TokenizerJS takes a string as input and returns starting and ending positions and the values of the tokens found within that text. Out of the box, this tokenizer will find Mentions, Hashtags, and Clickable Links. It can easily be extended by created a new Token.
I learned about Tokenization in a course on compiler construction and i've written a tutorial on this at
https://medium.com/@sonnytrujillo/how-to-parse-hashtags-and-mentions-with-a-tokenizer-in-nodejs-e7756730b573
. If you're unfamiliar with Tokenization and would like more advanded reading on the subject check out http://www.cs.man.ac.uk/~pjj/farrell/comp3.html and the wikipedia page on Lexical Analysis https://en.wikipedia.org/wiki/Lexical_analysis
Include TokenizerJS into your project and then simply call TokenizerJS(...)
with your string. An entities object will be returned.
var TokenizerJS = require("TokenizerJS");
var result = TokenizerJS("Hello @sonny what do you think about #tokenization? Follow me at twitter.com/sonnytrujillojr");
The above input returns the following entities object
{
"hashtags": [
{
"start": 37,
"end": 49,
"value": "#tokenization"
}
],
"mentions": [
{
"start": 6,
"end": 11,
"value": "@sonny"
}
],
"links": [
{
"elements": {
"host": {
"value": {
"host": [
"twitter",
"com"
],
"tld": "com",
"port": "",
"start": 65,
"end": 75,
"value": "twitter.com"
}
},
"path": {
"value": {
"path": [
"",
"sonnytrujillojr"
],
"start": 76,
"end": 91,
"value": "/sonnytrujillojr"
}
}
},
"start": 65,
"end": 91,
"value": "twitter.com/sonnytrujillojr"
}
]
}
TokenizerJS returns an Entities object that contains an array of Hashtags, Mentions, and Links.
{
hashtags: [],
mentions: [],
links: []
}
TokenizerJS parsed Mentions, Hashtags, and Clickable Links.

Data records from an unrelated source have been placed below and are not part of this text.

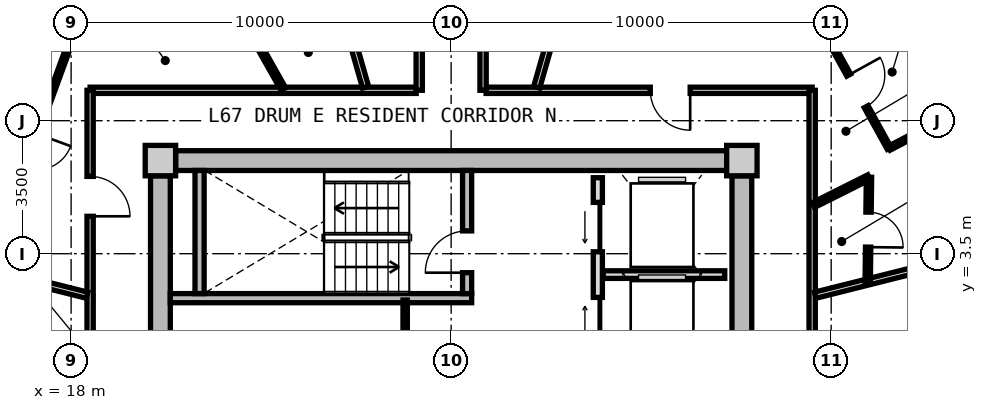
"""IFC4 building model, lengths in metres.
Left out: names, types, materials, properties, quantities, classifications, styles, units other than length and angle.
Written with IfcOpenShell. Run it as: python <this file> out.ifc"""

import sys

from ifc_helpers import new_model, si_unit, direction, frame, frame_2d, origin, origin_2d, place, context, subcontext, project, spatial, rectangle, extrude, source, transform, mapped, element, fill, save


model = new_model("IFC4")
c1 = context("Model", 3, precision=1e-05, world=origin(), true_north=direction((0.0, 1.0)))
c2 = subcontext(c1, "Body", "Model", "MODEL_VIEW")
j1 = project(units=[si_unit("LENGTHUNIT", "METRE"), si_unit("PLANEANGLEUNIT", "RADIAN")], contexts=[c1])
p1 = place(None, origin())
s1 = spatial("IfcSite", under=j1, at=p1, CompositionType="ELEMENT")
p2 = place(p1, origin())
s2 = spatial("IfcBuilding", under=s1, at=p2, CompositionType="ELEMENT")
p3 = place(p2, frame((0.0, 0.0, 216.95)))
s3 = spatial("IfcBuildingStorey", under=s2, at=p3, CompositionType="ELEMENT", Elevation=216.95)
m1 = source(origin(), c2, "Body", "SweptSolid", [
    extrude(rectangle(XDim=0.8, YDim=0.8, at=origin_2d()), origin(), (0.0, 0.0, 1.0), 3.05),
])
for number, where, z_axis, x_axis in (
    (1, (35.65, 5.95, 0.0), (0.0, 0.0, 1.0), (1.0, 0.0, 0.0)),
    (2, (20.35, 5.95, 0.0), (0.0, 0.0, 1.0), (1.0, 0.0, 0.0)),
):
    element("IfcColumn", number, at=place(p3, frame(where, z_axis=z_axis, x_axis=x_axis)), inside=s3, PredefinedType="COLUMN", context=c2, shape_type="MappedRepresentation", body=[
        mapped(m1, transform((0.0, 0.0, 0.0), x_axis=(1.0, 0.0, 0.0), y_axis=(0.0, 1.0, 0.0), z_axis=(0.0, 0.0, 1.0), scale=1.0)),
    ])
m2 = source(origin(), c2, "Body", "SweptSolid", [
    extrude(rectangle(XDim=14.5, YDim=0.52, at=frame_2d((7.25, 0.0))), origin(), (0.0, 0.0, 1.0), 2.76),
])
p4 = place(p3, frame((20.75, 5.95, 0.0), z_axis=(0.0, 0.0, 1.0), x_axis=(1.0, 0.0, 0.0)))
e3 = element("IfcWall", 3, at=p4, inside=s3, PredefinedType="SHEAR", context=c2, shape_type="MappedRepresentation", body=[
    mapped(m2, transform((0.0, 0.0, 0.0), x_axis=(1.0, 0.0, 0.0), y_axis=(0.0, 1.0, 0.0), z_axis=(0.0, 0.0, 1.0), scale=1.0)),
])
m3 = source(origin(), c2, "Body", "SweptSolid", [
    extrude(rectangle(XDim=11.1, YDim=0.52, at=frame_2d((5.55, 0.0))), origin(), (0.0, 0.0, 1.0), 2.76),
])
p5 = place(p3, frame((20.35, -5.55, 0.0), z_axis=(0.0, 0.0, 1.0), x_axis=(0.0, 1.0, 0.0)))
e4 = element("IfcWall", 4, at=p5, inside=s3, PredefinedType="SHEAR", context=c2, shape_type="MappedRepresentation", body=[
    mapped(m3, transform((0.0, 0.0, 0.0), x_axis=(1.0, 0.0, 0.0), y_axis=(0.0, 1.0, 0.0), z_axis=(0.0, 0.0, 1.0), scale=1.0)),
])
p6 = place(p5, frame((3.8, 0.0, 0.0)))
e5 = element("IfcOpeningElement", 5, at=p6, cuts=e4, PredefinedType="OPENING", context=c2, shape_type="SweptSolid", body=[
    extrude(rectangle(XDim=1.2, YDim=2.15, at=frame_2d((0.6, 1.075))), frame((0.0, 0.27, 0.0), z_axis=(0.0, -1.0, 0.0), x_axis=(1.0, 0.0, 0.0)), (0.0, 0.0, 1.0), 0.54),
])
p7 = place(p3, frame((35.65, 5.55, 0.0), z_axis=(0.0, 0.0, 1.0), x_axis=(0.0, -1.0, 0.0)))
e6 = element("IfcWall", 6, at=p7, inside=s3, PredefinedType="SHEAR", context=c2, shape_type="MappedRepresentation", body=[
    mapped(m3, transform((0.0, 0.0, 0.0), x_axis=(1.0, 0.0, 0.0), y_axis=(0.0, 1.0, 0.0), z_axis=(0.0, 0.0, 1.0), scale=1.0)),
])
p8 = place(p7, frame((5.65, 0.0, 0.0)))
e7 = element("IfcOpeningElement", 7, at=p8, cuts=e6, PredefinedType="OPENING", context=c2, shape_type="SweptSolid", body=[
    extrude(rectangle(XDim=1.2, YDim=2.15, at=frame_2d((0.6, 1.075))), frame((0.0, 0.27, 0.0), z_axis=(0.0, -1.0, 0.0), x_axis=(1.0, 0.0, 0.0)), (0.0, 0.0, 1.0), 0.54),
])
m4 = source(origin(), c2, "Body", "SweptSolid", [
    extrude(rectangle(XDim=7.93, YDim=0.24, at=frame_2d((3.965, 0.0))), origin(), (0.0, 0.0, 1.0), 2.76),
])
p9 = place(p3, frame((20.61, 2.33, 0.0), z_axis=(0.0, 0.0, 1.0), x_axis=(1.0, 0.0, 0.0)))
e8 = element("IfcWall", 8, at=p9, inside=s3, PredefinedType="PARTITIONING", context=c2, shape_type="MappedRepresentation", body=[
    mapped(m4, transform((0.0, 0.0, 0.0), x_axis=(1.0, 0.0, 0.0), y_axis=(0.0, 1.0, 0.0), z_axis=(0.0, 0.0, 1.0), scale=1.0)),
])
m5 = source(origin(), c2, "Body", "SweptSolid", [
    extrude(rectangle(XDim=3.24, YDim=0.24, at=frame_2d((1.62, 0.0))), origin(), (0.0, 0.0, 1.0), 2.76),
])
p10 = place(p3, frame((21.38, 2.45, 0.0), z_axis=(0.0, 0.0, 1.0), x_axis=(0.0, 1.0, 0.0)))
e9 = element("IfcWall", 9, at=p10, inside=s3, PredefinedType="PARTITIONING", context=c2, shape_type="MappedRepresentation", body=[
    mapped(m5, transform((0.0, 0.0, 0.0), x_axis=(1.0, 0.0, 0.0), y_axis=(0.0, 1.0, 0.0), z_axis=(0.0, 0.0, 1.0), scale=1.0)),
])
p11 = place(p3, frame((28.42, 2.45, 0.0), z_axis=(0.0, 0.0, 1.0), x_axis=(0.0, 1.0, 0.0)))
e10 = element("IfcWall", 10, at=p11, inside=s3, PredefinedType="PARTITIONING", context=c2, shape_type="MappedRepresentation", body=[
    mapped(m5, transform((0.0, 0.0, 0.0), x_axis=(1.0, 0.0, 0.0), y_axis=(0.0, 1.0, 0.0), z_axis=(0.0, 0.0, 1.0), scale=1.0)),
])
p12 = place(p11, frame((0.55, 0.0, 0.0)))
e11 = element("IfcOpeningElement", 11, at=p12, cuts=e10, PredefinedType="OPENING", context=c2, shape_type="SweptSolid", body=[
    extrude(rectangle(XDim=1.1, YDim=2.15, at=frame_2d((0.55, 1.075))), frame((0.0, 0.13, 0.0), z_axis=(0.0, -1.0, 0.0), x_axis=(1.0, 0.0, 0.0)), (0.0, 0.0, 1.0), 0.26),
])
m6 = source(origin(), c2, "Body", "SweptSolid", [
    extrude(rectangle(XDim=5.0, YDim=0.24, at=frame_2d((2.5, 0.0))), origin(), (0.0, 0.0, 1.0), 2.745),
])
p13 = place(p3, frame((31.86, 0.5, 0.0), z_axis=(0.0, 0.0, 1.0), x_axis=(0.0, 1.0, 0.0)))
e12 = element("IfcWall", 12, at=p13, inside=s3, PredefinedType="PARTITIONING", context=c2, shape_type="MappedRepresentation", body=[
    mapped(m6, transform((0.0, 0.0, 0.0), x_axis=(1.0, 0.0, 0.0), y_axis=(0.0, 1.0, 0.0), z_axis=(0.0, 0.0, 1.0), scale=1.0)),
])
p14 = place(p13, frame((3.05, 0.0, 0.0)))
e13 = element("IfcOpeningElement", 13, at=p14, cuts=e12, PredefinedType="OPENING", context=c2, shape_type="SweptSolid", body=[
    extrude(rectangle(XDim=1.3, YDim=2.2, at=frame_2d((0.65, 1.1))), frame((0.0, 0.13, 0.0), z_axis=(0.0, -1.0, 0.0), x_axis=(1.0, 0.0, 0.0)), (0.0, 0.0, 1.0), 0.26),
])
p15 = place(p13, frame((0.55, 0.0, 0.0)))
e14 = element("IfcOpeningElement", 14, at=p15, cuts=e12, PredefinedType="OPENING", context=c2, shape_type="SweptSolid", body=[
    extrude(rectangle(XDim=1.3, YDim=2.2, at=frame_2d((0.65, 1.1))), frame((0.0, 0.13, 0.0), z_axis=(0.0, -1.0, 0.0), x_axis=(1.0, 0.0, 0.0)), (0.0, 0.0, 1.0), 0.26),
])
m7 = source(origin(), c2, "Body", "SweptSolid", [
    extrude(rectangle(XDim=3.2, YDim=0.2, at=frame_2d((1.6, 0.0))), origin(), (0.0, 0.0, 1.0), 2.745),
])
p16 = place(p3, frame((32.0, 2.95, 0.0), z_axis=(0.0, 0.0, 1.0), x_axis=(1.0, 0.0, 0.0)))
e15 = element("IfcWall", 15, at=p16, inside=s3, PredefinedType="PARTITIONING", context=c2, shape_type="MappedRepresentation", body=[
    mapped(m7, transform((0.0, 0.0, 0.0), x_axis=(1.0, 0.0, 0.0), y_axis=(0.0, 1.0, 0.0), z_axis=(0.0, 0.0, 1.0), scale=1.0)),
])
m8 = source(origin(), c2, "Body", "SweptSolid", [
    extrude(rectangle(XDim=2.33, YDim=0.115, at=frame_2d((1.165, 0.0))), origin(), (0.0, 0.0, 1.0), 2.745),
])
p17 = place(p3, frame((26.79, -0.05, 0.0), z_axis=(0.0, 0.0, 1.0), x_axis=(0.0, 1.0, 0.0)))
e16 = element("IfcWall", 16, at=p17, inside=s3, PredefinedType="PARTITIONING", context=c2, shape_type="MappedRepresentation", body=[
    mapped(m8, transform((0.0, 0.0, 0.0), x_axis=(1.0, 0.0, 0.0), y_axis=(0.0, 1.0, 0.0), z_axis=(0.0, 0.0, 1.0), scale=1.0)),
])
m9 = source(origin(), c2, "Body", "SweptSolid", [
    extrude(rectangle(XDim=8.58, YDim=0.165, at=frame_2d((4.29, 0.0))), origin(), (0.0, 0.0, 1.0), 2.745),
])
p18 = place(p3, frame((18.5, 7.8, 0.0), z_axis=(0.0, 0.0, 1.0), x_axis=(1.0, 0.0, 0.0)))
e17 = element("IfcWall", 17, at=p18, inside=s3, PredefinedType="PARTITIONING", context=c2, shape_type="MappedRepresentation", body=[
    mapped(m9, transform((0.0, 0.0, 0.0), x_axis=(1.0, 0.0, 0.0), y_axis=(0.0, 1.0, 0.0), z_axis=(0.0, 0.0, 1.0), scale=1.0)),
])
p19 = place(p3, frame((28.92, 7.8, 0.0), z_axis=(0.0, 0.0, 1.0), x_axis=(1.0, 0.0, 0.0)))
e18 = element("IfcWall", 18, at=p19, inside=s3, PredefinedType="PARTITIONING", context=c2, shape_type="MappedRepresentation", body=[
    mapped(m9, transform((0.0, 0.0, 0.0), x_axis=(1.0, 0.0, 0.0), y_axis=(0.0, 1.0, 0.0), z_axis=(0.0, 0.0, 1.0), scale=1.0)),
])
p20 = place(p19, frame((4.32, 0.0, 0.0)))
e19 = element("IfcOpeningElement", 19, at=p20, cuts=e18, PredefinedType="OPENING", context=c2, shape_type="SweptSolid", body=[
    extrude(rectangle(XDim=1.05, YDim=2.15, at=frame_2d((0.525, 1.075))), frame((0.0, 0.093, 0.0), z_axis=(0.0, -1.0, 0.0), x_axis=(1.0, 0.0, 0.0)), (0.0, 0.0, 1.0), 0.185),
])
m10 = source(origin(), c2, "Body", "SweptSolid", [
    extrude(rectangle(XDim=6.88, YDim=0.165, at=frame_2d((3.44, 0.0))), origin(), (0.0, 0.0, 1.0), 2.745),
])
p21 = place(p3, frame((18.5, 0.92, 0.0), z_axis=(0.0, 0.0, 1.0), x_axis=(0.0, 1.0, 0.0)))
e20 = element("IfcWall", 20, at=p21, inside=s3, PredefinedType="PARTITIONING", context=c2, shape_type="MappedRepresentation", body=[
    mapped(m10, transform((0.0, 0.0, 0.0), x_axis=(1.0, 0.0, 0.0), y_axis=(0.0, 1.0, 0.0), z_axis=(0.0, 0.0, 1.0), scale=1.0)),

A mention is a starts with the @
followed by three or more alphanumeric or underscore characters. An input of "Hello @sonny" would return the following information
{
hashtags: [],
mentions: [
{
"start": 6,
"end": 11,
"value": "@sonny"
}
],
links: []
}
A hashtag is a starts with the #
followed by an one or more alphanumeric characters. An input of "Hello #world" would return the following information
{
hashtags: [
{
"start": 6,
"end": 11,
"value": "#world"
}
],
mentions: [],
links: []
}
A Clickable Link is a URL that a user would expect to be able to click on. This could be something simple like google.com
or more complex like https://google.com
etc. The goal is to identify potential links that follow the above format. Using something like url.parse("google.com")
will fail, even though a user would expect to be able to click on that link.
┌─────────────────────────────────────────────────────────────────────────────────────┐
│ Link Token │
├──────────┬──┬─────────────────────┬─────────────────────┬───────────────────────────┤
│ Protocol │ │ Auth │ Host │ Path │
│(optional)│ │ (optional) │ (required) │ (optional) │
│ │ │ │ │
" https: // user : pass @ sub.host.com : 8080 /p/a/t/h ? query=string "
│ │ │ │ hostname port │ │
└──────────┴──┴─────────────────────┴─────────────────────┴───────────────────────────┘
Clickable Link Grammar
LINK := HOST
:= HOST PATH
:= AUTH "@" HOST
:= AUTH "@" HOST PATH
:= PROTOCOL HOST
:= PROTOCOL HOST PATH
:= PROTOCOL AUTH "@" HOST
:= PROTOCOL AUTH "@" HOST PATH
PROTOCOL := PRO "://"
PRO := (Non-whitespace string of characters.)
AUTH := USER ":" PASS
USER := (Non-whitespace string of characters.)
PASS := (Non-whitespace string of characters.)
HOST := "localhost"
:= SUB "." SUB
:= SUB "." HOST
:= SUB "." HOST ":" PORT
PORT := NUM NUM
:= NUM NUM NUM
:= NUM NUM NUM NUM
:= NUM NUM NUM NUM NUM
NUM := 0 | 1 | 2 | 3 | 4 | 5 | 6 | 7 | 8 | 9
PATH := "/"
:= "/" NW
:= "/" NW PATH
:= "?" NW
NW := (Non-whitespace string of characters.)
To create your own tokens you will need to update the TokenizerJS.js
file to parse your new token. View the src/Mentions.js
or src/Hashtags.js
file for the template on how to build your own token.